However, TVs didn’t always exist. There were no television sets in the 19th Century. Can it, then, be said that TVs ‘began to exist’ in the 20th?

If you answered yes, you may have a rocky philosophical road ahead of you. Was the television in the process of ‘coming into’ existence during the interval in which it was being developed? Is exist a dynamic concept?

When we put the word ‘television’ in this light, we are obviously not alluding to the object, but rather to the concept. We are not talking about a shape or image you can point to, but about the evolution of an idea. Therefore, we have to resolve whether it makes sense to say that concepts can exist. The objective criterion I’m going to use to answer this question is whether we can use the word ‘exist’ consistently. I will argue that we cannot use the word ‘exist’ consistently when we apply it to concepts.

Let’s assume we eliminated the color red from every object in the Universe.
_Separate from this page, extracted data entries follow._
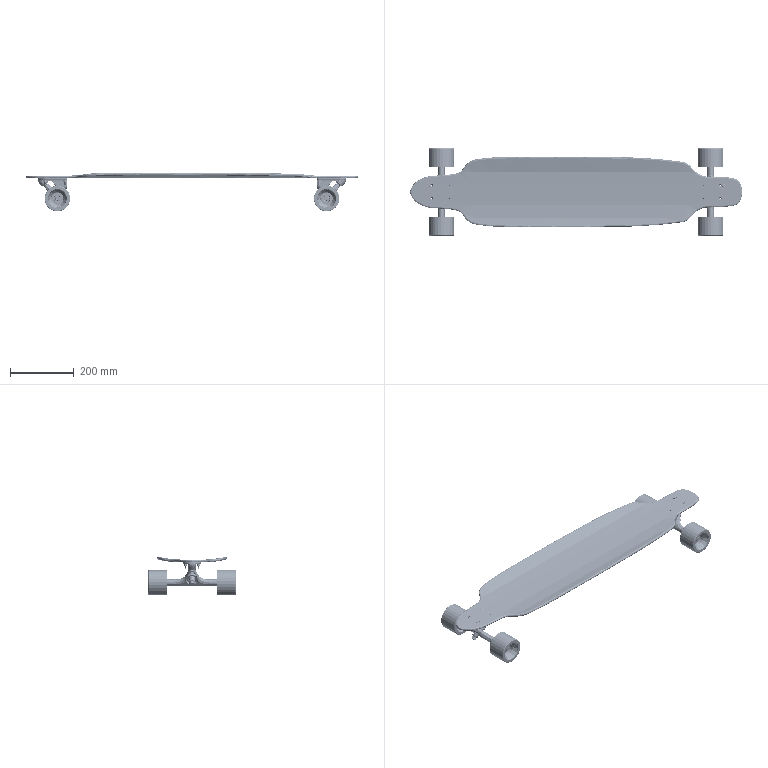Assembly | NX | mm | 63 component files | 63 solids | 1914 faces | box 1041.4 x 274 x 121.11 mm | volume 2752970 mm3 | plane 606 | cylinder 528 | cone 304 | spline 228 | torus 220 | other 20 | sphere 8 | commonest cylinder face diameters 0.26 x96 0.4 x68 0.25 x48 4 x40 6.53 x36 10 x32 5 x32 8 x20
Bill of materials:
unnamed part 1 | 7 |  | Flat circular annular ring (plain washer-like shape) with a central round through-hole and slightly rounded edges.
unnamed part 2 | 8 |  | Countersunk (flat, conical-underside) head screw with a cross-shaped recess in the head and a fully threaded straight shank.
unnamed part 3 | 4 |  | Hex nut with a cylindrical collar on one face. The collar has six radial slots and a raised inner ring around a threaded bore.
unnamed part 4 | 4 |  | Short thick-walled ring with a central bore, rounded edges and concentric annular grooves on the end face, similar in outline to a sealed ball bearing.
unnamed part 5 | 1 |  | Long, thin, flat board with a wide central section that narrows into rounded tabs at both ends. Each tab has a small group of through-holes. The board has a gentle lengthwise and crosswise curvature, similar in outline to a skateboard or longboard deck.
unnamed part 6 | 4 |  | Wide cylindrical wheel-like body with rounded outer edges, a deep recessed dished face and a small central through-bore with a stepped seat.
unnamed part 7 | 2 |  | Hollow dome-topped cylindrical cap with a thin flat flange around its open base. The base opening shows a cylindrical internal bore.
unnamed part 8 | 2 |  | Truncated cone (frustum) with a central cylindrical through-bore and rounded edges on both flat ends.
unnamed part 9 | 2 |  | Flat circular annular ring (plain washer-like shape) with a central round through-hole and slightly rounded edges.
unnamed part 10 | 1 |  | Hex nut with a cylindrical collar or shoulder on one side and a threaded central bore. The opposite face is chamfered.
unnamed part 11 | 8 |  | Hex nut with an integrated cylindrical collar on one face and a fully threaded through-bore. The hex corners are chamfered on the exposed face.
unnamed part 12 | 2 |  | Short solid cylinder (spacer or bushing-like shape) with a central cylindrical through-bore and rounded edges on both ends.
unnamed part 13 | 4 |  | Thick annular ring with a plain cylindrical outer surface, a central through bore, and concentric circular grooves on the end face near the outer and inner edges. Its overall shape looks like a sealed or shielded ball bearing.
unnamed part 14 | 2 |  | Hexagon-head bolt with a cylindrical shank. The part next to the head is unthreaded and the end portion is threaded.
unnamed part 15 | 2 |  | Long cylindrical body with stepped, smaller-diameter shafts at both ends, and both shafts end in threads. A raised curved triangular yoke in the middle holds a boss with a counterbored through hole, and a short rounded pin sticks out from the yoke's top. The overall shape looks like a skateboard-truck hanger with axle.
unnamed part 16 | 2 |  | Flat mounting plate with one rounded end and one square end, pierced by six small through holes. A U-shaped cradle or cup hangs below the plate, and it has an angled triangular side profile and a cross hole at the bottom. The overall shape looks like a skateboard-truck baseplate.
unnamed part 17 | 2 |  | Dome-shaped annular washer or bushing. One side is convex and smoothly curved, the other looks flat, and it has a central cylindrical through hole.
unnamed part 18 | 2 |  | Cup-style annular washer. One face has a stepped circular recess (counterbore) around a large central through hole, and the other side has a curved, rounded outer profile.
unnamed part 19 | 4 |  | Thin flat ring with a roughly rectangular cross-section and rounded edges. The bore is large compared with the outer diameter, so the wall is narrow.
Mates:
1. concentric | MountingNut 8 edge | MountingWasher 8 edge
2. concentric | MountingNut 7 edge | MountingWasher 7 edge
3. concentric | MountingNut 6 edge | MountingWasher 5 edge
4. concentric | MountingNut 5 edge | MountingWasher 6 edge
5. concentric | Truck 1 edge | Board1 1 arc
6. concentric | Truck 1 edge | Board1 1 arc
7. concentric | MountingWasher 4 edge | Truck 1 edge
8. concentric | MountingWasher 3 edge | Truck 1 edge
9. concentric | MountingWasher 2 edge | Truck 1 edge
10. concentric | MountingWasher 1 edge | Truck 1 edge
11. concentric | MountingNut 4 edge | MountingWasher 3 edge
12. concentric | MountingNut 3 edge | MountingWasher 1 edge
13. concentric | MountingNut 2 edge | MountingWasher 4 edge
14. concentric | MountingNut 1 edge | MountingWasher 2 edge
15. concentric | WheelsAssembly 2 edge | Truck 1 edge
16. concentric | WheelsAssembly 1 edge | Truck 1 edge

According to the Instantiation Principle, if no object has the color red, the color red itself ceases to exist.

Again the question comes back to haunt us: What does the proponent mean when s(he) says that “Red doesn’t exist?” Is this a rational statement? Is it the same to say that a concept such as ‘red’ doesn’t exist as to say that an object such as a crayon doesn’t exist? Don’t we have to define ‘exist’ before we can make such categorical statements anyway?

At face value, the existence of an object such as a chair seems to be qualitatively different than the existence of a concept such as a color. A standalone ‘thing’ like THIS chair exists all on its own. A concept such as the color red requires a physical object such as a chair to ‘carry’ it.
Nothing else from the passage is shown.